Well, I'm gonna give the 3-Tand T-90 reel a whirl. I'm putting it on a new Sage Motive 1090-4. My buddy, Lamarr, at Cabelas suggested the reel to match the rod. They were both on sale Sunday and I couldn't resist. Rod, reel, line, backing and tax totaled $752. Hard to beat that. I hate Cabelas! The last time I walked in there, I walked out with a new Kimber Custom TLE 1911 in .45 acp. That place costs me money!!! :spineyes:


----------



## southpaw (Feb 25, 2009)

I'll be very interested in how that 3-Tand reel performs for you


----------



## 8weight (Mar 24, 2016)

New **** rig?


----------



## Worm Drowner (Sep 9, 2010)

8weight said:


> New **** rig?


Naw, I have a 12# for that.

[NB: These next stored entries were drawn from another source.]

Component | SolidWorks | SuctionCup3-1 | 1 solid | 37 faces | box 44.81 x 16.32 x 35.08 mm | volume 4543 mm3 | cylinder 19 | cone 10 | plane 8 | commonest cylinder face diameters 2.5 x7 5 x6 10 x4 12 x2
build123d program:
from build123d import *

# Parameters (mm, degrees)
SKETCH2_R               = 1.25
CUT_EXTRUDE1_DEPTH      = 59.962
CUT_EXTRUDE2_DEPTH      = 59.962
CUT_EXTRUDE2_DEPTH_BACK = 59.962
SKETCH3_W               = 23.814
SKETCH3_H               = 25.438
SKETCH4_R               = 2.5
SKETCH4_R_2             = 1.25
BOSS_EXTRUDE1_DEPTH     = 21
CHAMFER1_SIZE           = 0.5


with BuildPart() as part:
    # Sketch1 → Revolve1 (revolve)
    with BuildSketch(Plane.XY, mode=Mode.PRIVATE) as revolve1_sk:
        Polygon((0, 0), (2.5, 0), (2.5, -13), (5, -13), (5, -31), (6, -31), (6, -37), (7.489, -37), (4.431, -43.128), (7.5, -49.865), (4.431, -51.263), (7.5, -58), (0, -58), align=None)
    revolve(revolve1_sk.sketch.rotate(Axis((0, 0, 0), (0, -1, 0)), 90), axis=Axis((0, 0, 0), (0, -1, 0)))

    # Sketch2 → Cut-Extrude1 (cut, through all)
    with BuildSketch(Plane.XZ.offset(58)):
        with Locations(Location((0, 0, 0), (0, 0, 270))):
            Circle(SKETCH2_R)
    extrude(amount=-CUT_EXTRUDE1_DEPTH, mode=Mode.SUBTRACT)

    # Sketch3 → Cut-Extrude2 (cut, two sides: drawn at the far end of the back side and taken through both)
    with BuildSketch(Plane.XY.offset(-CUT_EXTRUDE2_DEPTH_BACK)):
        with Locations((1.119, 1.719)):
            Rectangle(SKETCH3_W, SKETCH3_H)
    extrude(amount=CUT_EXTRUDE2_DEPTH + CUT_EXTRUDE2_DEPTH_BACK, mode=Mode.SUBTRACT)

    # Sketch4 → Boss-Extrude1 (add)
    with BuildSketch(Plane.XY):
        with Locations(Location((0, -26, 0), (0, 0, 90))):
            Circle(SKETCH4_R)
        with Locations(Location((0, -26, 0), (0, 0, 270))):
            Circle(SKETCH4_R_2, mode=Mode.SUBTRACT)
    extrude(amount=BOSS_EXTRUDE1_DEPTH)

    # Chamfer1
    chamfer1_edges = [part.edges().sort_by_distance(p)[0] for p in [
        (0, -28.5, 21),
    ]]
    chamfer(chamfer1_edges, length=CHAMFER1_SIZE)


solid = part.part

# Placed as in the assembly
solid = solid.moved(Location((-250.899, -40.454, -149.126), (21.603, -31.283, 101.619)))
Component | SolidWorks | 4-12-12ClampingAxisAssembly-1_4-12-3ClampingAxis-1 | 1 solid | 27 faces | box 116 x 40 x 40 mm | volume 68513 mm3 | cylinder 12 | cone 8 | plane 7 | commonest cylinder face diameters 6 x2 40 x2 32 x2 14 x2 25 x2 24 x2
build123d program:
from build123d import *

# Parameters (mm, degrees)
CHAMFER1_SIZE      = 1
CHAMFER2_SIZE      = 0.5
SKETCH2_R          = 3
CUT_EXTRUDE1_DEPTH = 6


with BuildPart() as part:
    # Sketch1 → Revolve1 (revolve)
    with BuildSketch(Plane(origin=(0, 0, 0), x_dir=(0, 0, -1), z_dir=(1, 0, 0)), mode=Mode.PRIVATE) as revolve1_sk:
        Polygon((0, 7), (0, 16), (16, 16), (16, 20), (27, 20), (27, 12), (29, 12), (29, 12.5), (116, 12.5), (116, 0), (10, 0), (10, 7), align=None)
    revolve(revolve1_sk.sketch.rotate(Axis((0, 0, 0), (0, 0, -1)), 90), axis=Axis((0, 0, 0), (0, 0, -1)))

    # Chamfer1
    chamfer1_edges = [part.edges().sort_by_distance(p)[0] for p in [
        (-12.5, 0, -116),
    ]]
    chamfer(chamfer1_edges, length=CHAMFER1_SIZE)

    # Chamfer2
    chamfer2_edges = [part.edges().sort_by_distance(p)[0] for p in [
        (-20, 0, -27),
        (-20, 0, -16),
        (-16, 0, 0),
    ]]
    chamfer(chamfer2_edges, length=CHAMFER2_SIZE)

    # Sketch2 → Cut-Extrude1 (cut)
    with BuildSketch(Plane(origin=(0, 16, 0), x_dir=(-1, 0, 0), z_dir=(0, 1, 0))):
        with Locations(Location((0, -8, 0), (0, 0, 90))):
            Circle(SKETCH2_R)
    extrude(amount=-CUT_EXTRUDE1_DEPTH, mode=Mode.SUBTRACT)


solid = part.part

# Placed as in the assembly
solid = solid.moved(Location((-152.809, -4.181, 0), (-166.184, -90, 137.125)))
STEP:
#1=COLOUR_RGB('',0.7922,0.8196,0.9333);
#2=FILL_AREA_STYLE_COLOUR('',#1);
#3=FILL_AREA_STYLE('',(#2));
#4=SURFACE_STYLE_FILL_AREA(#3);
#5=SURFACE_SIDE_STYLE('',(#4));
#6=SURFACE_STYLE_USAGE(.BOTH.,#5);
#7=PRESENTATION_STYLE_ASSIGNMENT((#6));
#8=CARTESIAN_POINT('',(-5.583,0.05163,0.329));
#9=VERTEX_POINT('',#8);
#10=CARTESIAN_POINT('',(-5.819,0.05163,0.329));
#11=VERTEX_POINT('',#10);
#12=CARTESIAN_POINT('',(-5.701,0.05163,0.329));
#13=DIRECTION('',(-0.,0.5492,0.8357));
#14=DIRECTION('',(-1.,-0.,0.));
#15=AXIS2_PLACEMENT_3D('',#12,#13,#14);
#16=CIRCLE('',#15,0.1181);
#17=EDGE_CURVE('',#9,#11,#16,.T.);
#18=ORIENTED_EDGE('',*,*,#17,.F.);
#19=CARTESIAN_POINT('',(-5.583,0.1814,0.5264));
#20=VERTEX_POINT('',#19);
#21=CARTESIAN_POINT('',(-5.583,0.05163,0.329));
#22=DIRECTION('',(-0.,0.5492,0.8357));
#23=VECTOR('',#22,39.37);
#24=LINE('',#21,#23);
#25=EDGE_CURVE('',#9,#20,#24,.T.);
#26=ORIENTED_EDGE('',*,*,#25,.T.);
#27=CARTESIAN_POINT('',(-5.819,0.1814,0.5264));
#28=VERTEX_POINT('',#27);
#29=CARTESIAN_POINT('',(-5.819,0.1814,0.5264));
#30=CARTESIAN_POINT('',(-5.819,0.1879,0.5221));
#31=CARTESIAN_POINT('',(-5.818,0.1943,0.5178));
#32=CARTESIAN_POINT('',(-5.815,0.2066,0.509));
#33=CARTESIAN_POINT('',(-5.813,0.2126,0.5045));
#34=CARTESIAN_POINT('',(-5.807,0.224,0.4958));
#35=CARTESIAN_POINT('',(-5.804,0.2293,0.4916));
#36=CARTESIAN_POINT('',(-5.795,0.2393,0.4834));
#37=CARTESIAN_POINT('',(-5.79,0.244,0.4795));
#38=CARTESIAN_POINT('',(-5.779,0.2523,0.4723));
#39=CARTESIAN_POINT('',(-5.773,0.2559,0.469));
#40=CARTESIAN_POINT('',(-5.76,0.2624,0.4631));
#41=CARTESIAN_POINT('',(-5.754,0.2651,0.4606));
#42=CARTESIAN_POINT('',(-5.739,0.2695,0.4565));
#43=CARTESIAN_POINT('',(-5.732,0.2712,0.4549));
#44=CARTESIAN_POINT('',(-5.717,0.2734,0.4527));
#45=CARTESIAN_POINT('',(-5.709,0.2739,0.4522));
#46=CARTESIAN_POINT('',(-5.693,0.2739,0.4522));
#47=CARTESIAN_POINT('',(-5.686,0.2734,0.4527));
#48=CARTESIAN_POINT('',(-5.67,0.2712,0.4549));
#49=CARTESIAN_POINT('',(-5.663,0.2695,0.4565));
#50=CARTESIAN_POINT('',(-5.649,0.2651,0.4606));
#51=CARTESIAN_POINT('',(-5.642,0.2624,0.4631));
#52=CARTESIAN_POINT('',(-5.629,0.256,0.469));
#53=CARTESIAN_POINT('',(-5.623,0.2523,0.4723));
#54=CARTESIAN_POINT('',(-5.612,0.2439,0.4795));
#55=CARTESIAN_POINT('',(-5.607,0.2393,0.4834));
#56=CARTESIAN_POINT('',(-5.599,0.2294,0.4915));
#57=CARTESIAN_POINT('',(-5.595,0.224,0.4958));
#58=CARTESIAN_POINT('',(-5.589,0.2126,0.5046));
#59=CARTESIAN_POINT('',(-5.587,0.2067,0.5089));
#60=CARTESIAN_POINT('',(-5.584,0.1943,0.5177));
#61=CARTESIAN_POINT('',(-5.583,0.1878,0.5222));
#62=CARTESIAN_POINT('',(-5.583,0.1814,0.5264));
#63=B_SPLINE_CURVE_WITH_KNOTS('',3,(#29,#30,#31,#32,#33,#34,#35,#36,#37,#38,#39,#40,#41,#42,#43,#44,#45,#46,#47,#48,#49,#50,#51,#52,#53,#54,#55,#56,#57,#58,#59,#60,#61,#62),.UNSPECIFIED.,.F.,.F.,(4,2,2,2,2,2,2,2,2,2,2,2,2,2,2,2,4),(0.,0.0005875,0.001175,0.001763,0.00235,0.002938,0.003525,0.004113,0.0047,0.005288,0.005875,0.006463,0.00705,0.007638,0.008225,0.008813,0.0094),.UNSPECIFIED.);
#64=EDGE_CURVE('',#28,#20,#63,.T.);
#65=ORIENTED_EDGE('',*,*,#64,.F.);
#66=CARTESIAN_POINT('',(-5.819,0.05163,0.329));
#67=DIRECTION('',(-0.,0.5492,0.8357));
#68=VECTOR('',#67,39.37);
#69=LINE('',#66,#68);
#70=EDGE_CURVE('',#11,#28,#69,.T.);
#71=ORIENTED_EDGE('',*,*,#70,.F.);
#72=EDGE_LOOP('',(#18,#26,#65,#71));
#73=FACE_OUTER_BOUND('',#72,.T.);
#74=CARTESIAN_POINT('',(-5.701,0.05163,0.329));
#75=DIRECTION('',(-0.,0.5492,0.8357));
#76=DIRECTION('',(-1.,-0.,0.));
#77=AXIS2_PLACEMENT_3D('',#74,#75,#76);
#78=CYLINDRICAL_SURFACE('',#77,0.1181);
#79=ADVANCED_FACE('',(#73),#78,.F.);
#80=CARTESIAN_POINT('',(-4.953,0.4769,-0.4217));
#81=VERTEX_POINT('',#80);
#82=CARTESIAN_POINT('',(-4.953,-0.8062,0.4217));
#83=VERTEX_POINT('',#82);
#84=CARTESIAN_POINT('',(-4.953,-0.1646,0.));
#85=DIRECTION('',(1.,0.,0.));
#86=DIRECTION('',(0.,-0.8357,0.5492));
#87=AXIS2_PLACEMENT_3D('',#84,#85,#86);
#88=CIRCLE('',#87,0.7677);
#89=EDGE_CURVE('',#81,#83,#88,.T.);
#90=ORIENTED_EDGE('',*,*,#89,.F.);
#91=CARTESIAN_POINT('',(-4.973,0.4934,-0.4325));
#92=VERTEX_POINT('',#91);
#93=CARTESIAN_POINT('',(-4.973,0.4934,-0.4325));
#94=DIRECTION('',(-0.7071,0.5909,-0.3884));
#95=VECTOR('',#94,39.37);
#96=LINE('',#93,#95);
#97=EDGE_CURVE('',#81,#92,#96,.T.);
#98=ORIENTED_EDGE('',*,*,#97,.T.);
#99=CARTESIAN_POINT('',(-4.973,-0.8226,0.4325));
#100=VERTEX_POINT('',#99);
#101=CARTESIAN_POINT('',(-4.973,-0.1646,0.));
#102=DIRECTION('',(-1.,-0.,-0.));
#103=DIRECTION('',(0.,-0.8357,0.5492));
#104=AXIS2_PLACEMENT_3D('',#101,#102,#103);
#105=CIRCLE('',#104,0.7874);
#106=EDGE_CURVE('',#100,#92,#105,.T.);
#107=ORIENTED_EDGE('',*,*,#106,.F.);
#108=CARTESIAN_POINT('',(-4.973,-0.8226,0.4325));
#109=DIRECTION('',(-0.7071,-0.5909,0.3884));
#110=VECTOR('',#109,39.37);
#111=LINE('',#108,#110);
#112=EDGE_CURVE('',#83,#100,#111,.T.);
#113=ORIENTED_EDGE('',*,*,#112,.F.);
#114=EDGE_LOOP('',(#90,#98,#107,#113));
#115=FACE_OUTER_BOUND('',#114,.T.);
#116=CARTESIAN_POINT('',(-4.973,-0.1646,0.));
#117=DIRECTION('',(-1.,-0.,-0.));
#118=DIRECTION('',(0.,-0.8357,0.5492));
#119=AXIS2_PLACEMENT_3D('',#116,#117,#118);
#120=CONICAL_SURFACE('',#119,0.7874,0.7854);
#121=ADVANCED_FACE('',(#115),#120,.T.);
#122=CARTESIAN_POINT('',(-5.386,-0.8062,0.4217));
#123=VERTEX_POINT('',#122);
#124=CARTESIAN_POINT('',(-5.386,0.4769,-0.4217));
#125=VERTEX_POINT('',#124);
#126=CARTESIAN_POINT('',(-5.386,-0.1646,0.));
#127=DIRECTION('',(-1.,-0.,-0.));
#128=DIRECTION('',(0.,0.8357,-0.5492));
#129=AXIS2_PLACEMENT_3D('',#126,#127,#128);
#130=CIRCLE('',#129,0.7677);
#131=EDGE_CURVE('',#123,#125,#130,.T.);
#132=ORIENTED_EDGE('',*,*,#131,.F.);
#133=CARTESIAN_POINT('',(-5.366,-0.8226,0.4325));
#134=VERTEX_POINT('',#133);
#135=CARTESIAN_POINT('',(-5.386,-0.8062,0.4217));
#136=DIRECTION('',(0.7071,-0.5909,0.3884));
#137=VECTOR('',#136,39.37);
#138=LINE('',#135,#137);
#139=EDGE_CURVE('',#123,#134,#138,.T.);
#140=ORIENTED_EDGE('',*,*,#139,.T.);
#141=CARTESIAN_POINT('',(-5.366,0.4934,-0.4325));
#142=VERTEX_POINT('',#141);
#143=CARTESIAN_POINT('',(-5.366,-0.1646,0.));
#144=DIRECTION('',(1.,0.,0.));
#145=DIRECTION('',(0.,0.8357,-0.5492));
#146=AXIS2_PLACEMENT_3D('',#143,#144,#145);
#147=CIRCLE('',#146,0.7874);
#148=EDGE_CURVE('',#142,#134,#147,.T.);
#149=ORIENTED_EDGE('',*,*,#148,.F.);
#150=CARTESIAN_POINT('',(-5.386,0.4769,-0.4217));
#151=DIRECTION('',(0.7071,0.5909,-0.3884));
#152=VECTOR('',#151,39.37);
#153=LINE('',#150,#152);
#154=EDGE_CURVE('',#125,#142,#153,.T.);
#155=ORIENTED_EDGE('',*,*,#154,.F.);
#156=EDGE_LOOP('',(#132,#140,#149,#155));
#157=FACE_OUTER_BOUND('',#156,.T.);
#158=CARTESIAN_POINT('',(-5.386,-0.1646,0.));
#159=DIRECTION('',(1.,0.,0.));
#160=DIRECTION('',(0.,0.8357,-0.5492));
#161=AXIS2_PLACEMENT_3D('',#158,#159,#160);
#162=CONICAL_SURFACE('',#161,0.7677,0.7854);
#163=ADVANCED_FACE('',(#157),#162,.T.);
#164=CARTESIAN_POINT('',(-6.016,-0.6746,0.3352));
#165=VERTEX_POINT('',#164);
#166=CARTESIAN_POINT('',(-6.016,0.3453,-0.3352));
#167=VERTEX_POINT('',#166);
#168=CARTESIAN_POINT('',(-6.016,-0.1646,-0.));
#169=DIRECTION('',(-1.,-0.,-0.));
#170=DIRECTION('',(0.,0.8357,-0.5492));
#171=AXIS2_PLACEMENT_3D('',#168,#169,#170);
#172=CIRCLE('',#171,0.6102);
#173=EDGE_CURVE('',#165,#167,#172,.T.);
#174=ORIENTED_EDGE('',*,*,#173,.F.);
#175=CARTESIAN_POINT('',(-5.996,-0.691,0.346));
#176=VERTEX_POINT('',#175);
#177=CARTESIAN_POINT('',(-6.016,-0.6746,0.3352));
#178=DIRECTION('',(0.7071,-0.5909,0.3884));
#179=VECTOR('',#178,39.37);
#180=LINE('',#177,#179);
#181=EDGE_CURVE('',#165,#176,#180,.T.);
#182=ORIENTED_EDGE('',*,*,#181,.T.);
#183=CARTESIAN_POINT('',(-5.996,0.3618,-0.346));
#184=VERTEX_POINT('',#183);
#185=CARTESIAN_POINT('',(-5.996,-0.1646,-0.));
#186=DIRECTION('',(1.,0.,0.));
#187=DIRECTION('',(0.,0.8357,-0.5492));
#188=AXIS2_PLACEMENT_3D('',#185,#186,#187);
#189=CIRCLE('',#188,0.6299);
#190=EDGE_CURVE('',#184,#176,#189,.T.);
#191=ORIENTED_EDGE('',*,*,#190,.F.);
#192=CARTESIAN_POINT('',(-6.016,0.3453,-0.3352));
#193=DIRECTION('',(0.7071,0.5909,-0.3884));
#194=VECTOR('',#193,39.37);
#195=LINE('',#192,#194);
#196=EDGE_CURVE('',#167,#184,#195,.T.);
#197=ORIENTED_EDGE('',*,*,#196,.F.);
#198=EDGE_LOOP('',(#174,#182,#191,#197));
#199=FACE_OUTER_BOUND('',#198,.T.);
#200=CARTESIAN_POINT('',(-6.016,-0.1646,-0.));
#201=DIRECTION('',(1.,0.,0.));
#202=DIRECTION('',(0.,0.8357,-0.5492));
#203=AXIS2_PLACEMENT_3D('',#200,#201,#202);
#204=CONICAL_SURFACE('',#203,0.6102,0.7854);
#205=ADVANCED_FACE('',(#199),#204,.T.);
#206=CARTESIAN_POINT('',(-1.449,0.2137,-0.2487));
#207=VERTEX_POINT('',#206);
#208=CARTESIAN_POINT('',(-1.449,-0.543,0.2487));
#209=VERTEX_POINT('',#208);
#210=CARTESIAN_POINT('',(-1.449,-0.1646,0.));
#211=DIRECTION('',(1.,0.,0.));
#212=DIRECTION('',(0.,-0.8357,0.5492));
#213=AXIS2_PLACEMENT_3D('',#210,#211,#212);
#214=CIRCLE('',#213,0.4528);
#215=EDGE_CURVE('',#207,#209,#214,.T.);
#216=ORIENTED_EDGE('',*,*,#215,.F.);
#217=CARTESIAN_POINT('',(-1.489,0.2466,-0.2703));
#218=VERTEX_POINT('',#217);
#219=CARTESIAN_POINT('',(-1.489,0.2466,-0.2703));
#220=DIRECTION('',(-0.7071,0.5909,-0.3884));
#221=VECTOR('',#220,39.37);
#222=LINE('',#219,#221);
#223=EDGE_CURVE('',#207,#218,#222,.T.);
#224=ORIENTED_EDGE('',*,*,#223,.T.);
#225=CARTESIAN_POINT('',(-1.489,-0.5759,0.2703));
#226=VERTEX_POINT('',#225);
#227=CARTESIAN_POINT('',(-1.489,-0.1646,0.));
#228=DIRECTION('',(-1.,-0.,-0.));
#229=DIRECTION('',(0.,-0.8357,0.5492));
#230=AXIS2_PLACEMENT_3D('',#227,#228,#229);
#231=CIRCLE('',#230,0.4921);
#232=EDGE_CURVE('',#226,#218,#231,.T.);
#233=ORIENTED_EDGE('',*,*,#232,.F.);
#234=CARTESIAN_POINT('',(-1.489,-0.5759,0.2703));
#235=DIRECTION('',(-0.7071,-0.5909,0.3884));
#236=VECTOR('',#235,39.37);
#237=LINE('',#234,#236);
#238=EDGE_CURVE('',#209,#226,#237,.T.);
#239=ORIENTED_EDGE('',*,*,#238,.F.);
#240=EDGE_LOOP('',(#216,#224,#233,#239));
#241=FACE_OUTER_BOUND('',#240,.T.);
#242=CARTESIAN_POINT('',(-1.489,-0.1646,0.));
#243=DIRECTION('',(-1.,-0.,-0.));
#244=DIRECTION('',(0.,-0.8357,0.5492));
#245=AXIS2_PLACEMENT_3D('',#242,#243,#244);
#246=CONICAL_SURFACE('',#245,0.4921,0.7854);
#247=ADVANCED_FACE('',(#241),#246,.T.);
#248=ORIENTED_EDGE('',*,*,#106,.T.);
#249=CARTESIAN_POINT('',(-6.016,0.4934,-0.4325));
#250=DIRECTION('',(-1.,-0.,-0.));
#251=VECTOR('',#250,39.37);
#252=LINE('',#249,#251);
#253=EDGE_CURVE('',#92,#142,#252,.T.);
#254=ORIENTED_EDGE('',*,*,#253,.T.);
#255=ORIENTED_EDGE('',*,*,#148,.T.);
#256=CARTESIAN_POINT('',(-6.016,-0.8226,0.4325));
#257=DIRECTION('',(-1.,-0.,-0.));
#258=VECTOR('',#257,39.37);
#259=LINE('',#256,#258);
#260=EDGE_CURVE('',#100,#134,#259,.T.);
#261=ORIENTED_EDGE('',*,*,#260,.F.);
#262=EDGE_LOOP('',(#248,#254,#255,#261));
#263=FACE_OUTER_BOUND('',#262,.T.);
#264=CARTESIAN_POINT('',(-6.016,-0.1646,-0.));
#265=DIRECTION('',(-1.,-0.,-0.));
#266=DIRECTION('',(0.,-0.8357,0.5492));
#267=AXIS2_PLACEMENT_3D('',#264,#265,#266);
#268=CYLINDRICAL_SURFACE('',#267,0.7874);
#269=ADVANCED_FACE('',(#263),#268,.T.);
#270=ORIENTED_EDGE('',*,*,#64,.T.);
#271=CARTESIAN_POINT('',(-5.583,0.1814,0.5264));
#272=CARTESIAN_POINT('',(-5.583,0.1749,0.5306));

This is more a surf rig, maybe jacks & bigger reds.


----------



## 8weight (Mar 24, 2016)

Worm Drowner said:


> Naw, I have a 12# for that. This is more a surf rig, maybe jacks & bigger reds.


Nice! Slime her up!


----------



## Stuart (May 21, 2004)

I have a new Echo 11 weight with the tags still on it if anyone is interested. Four piece.


----------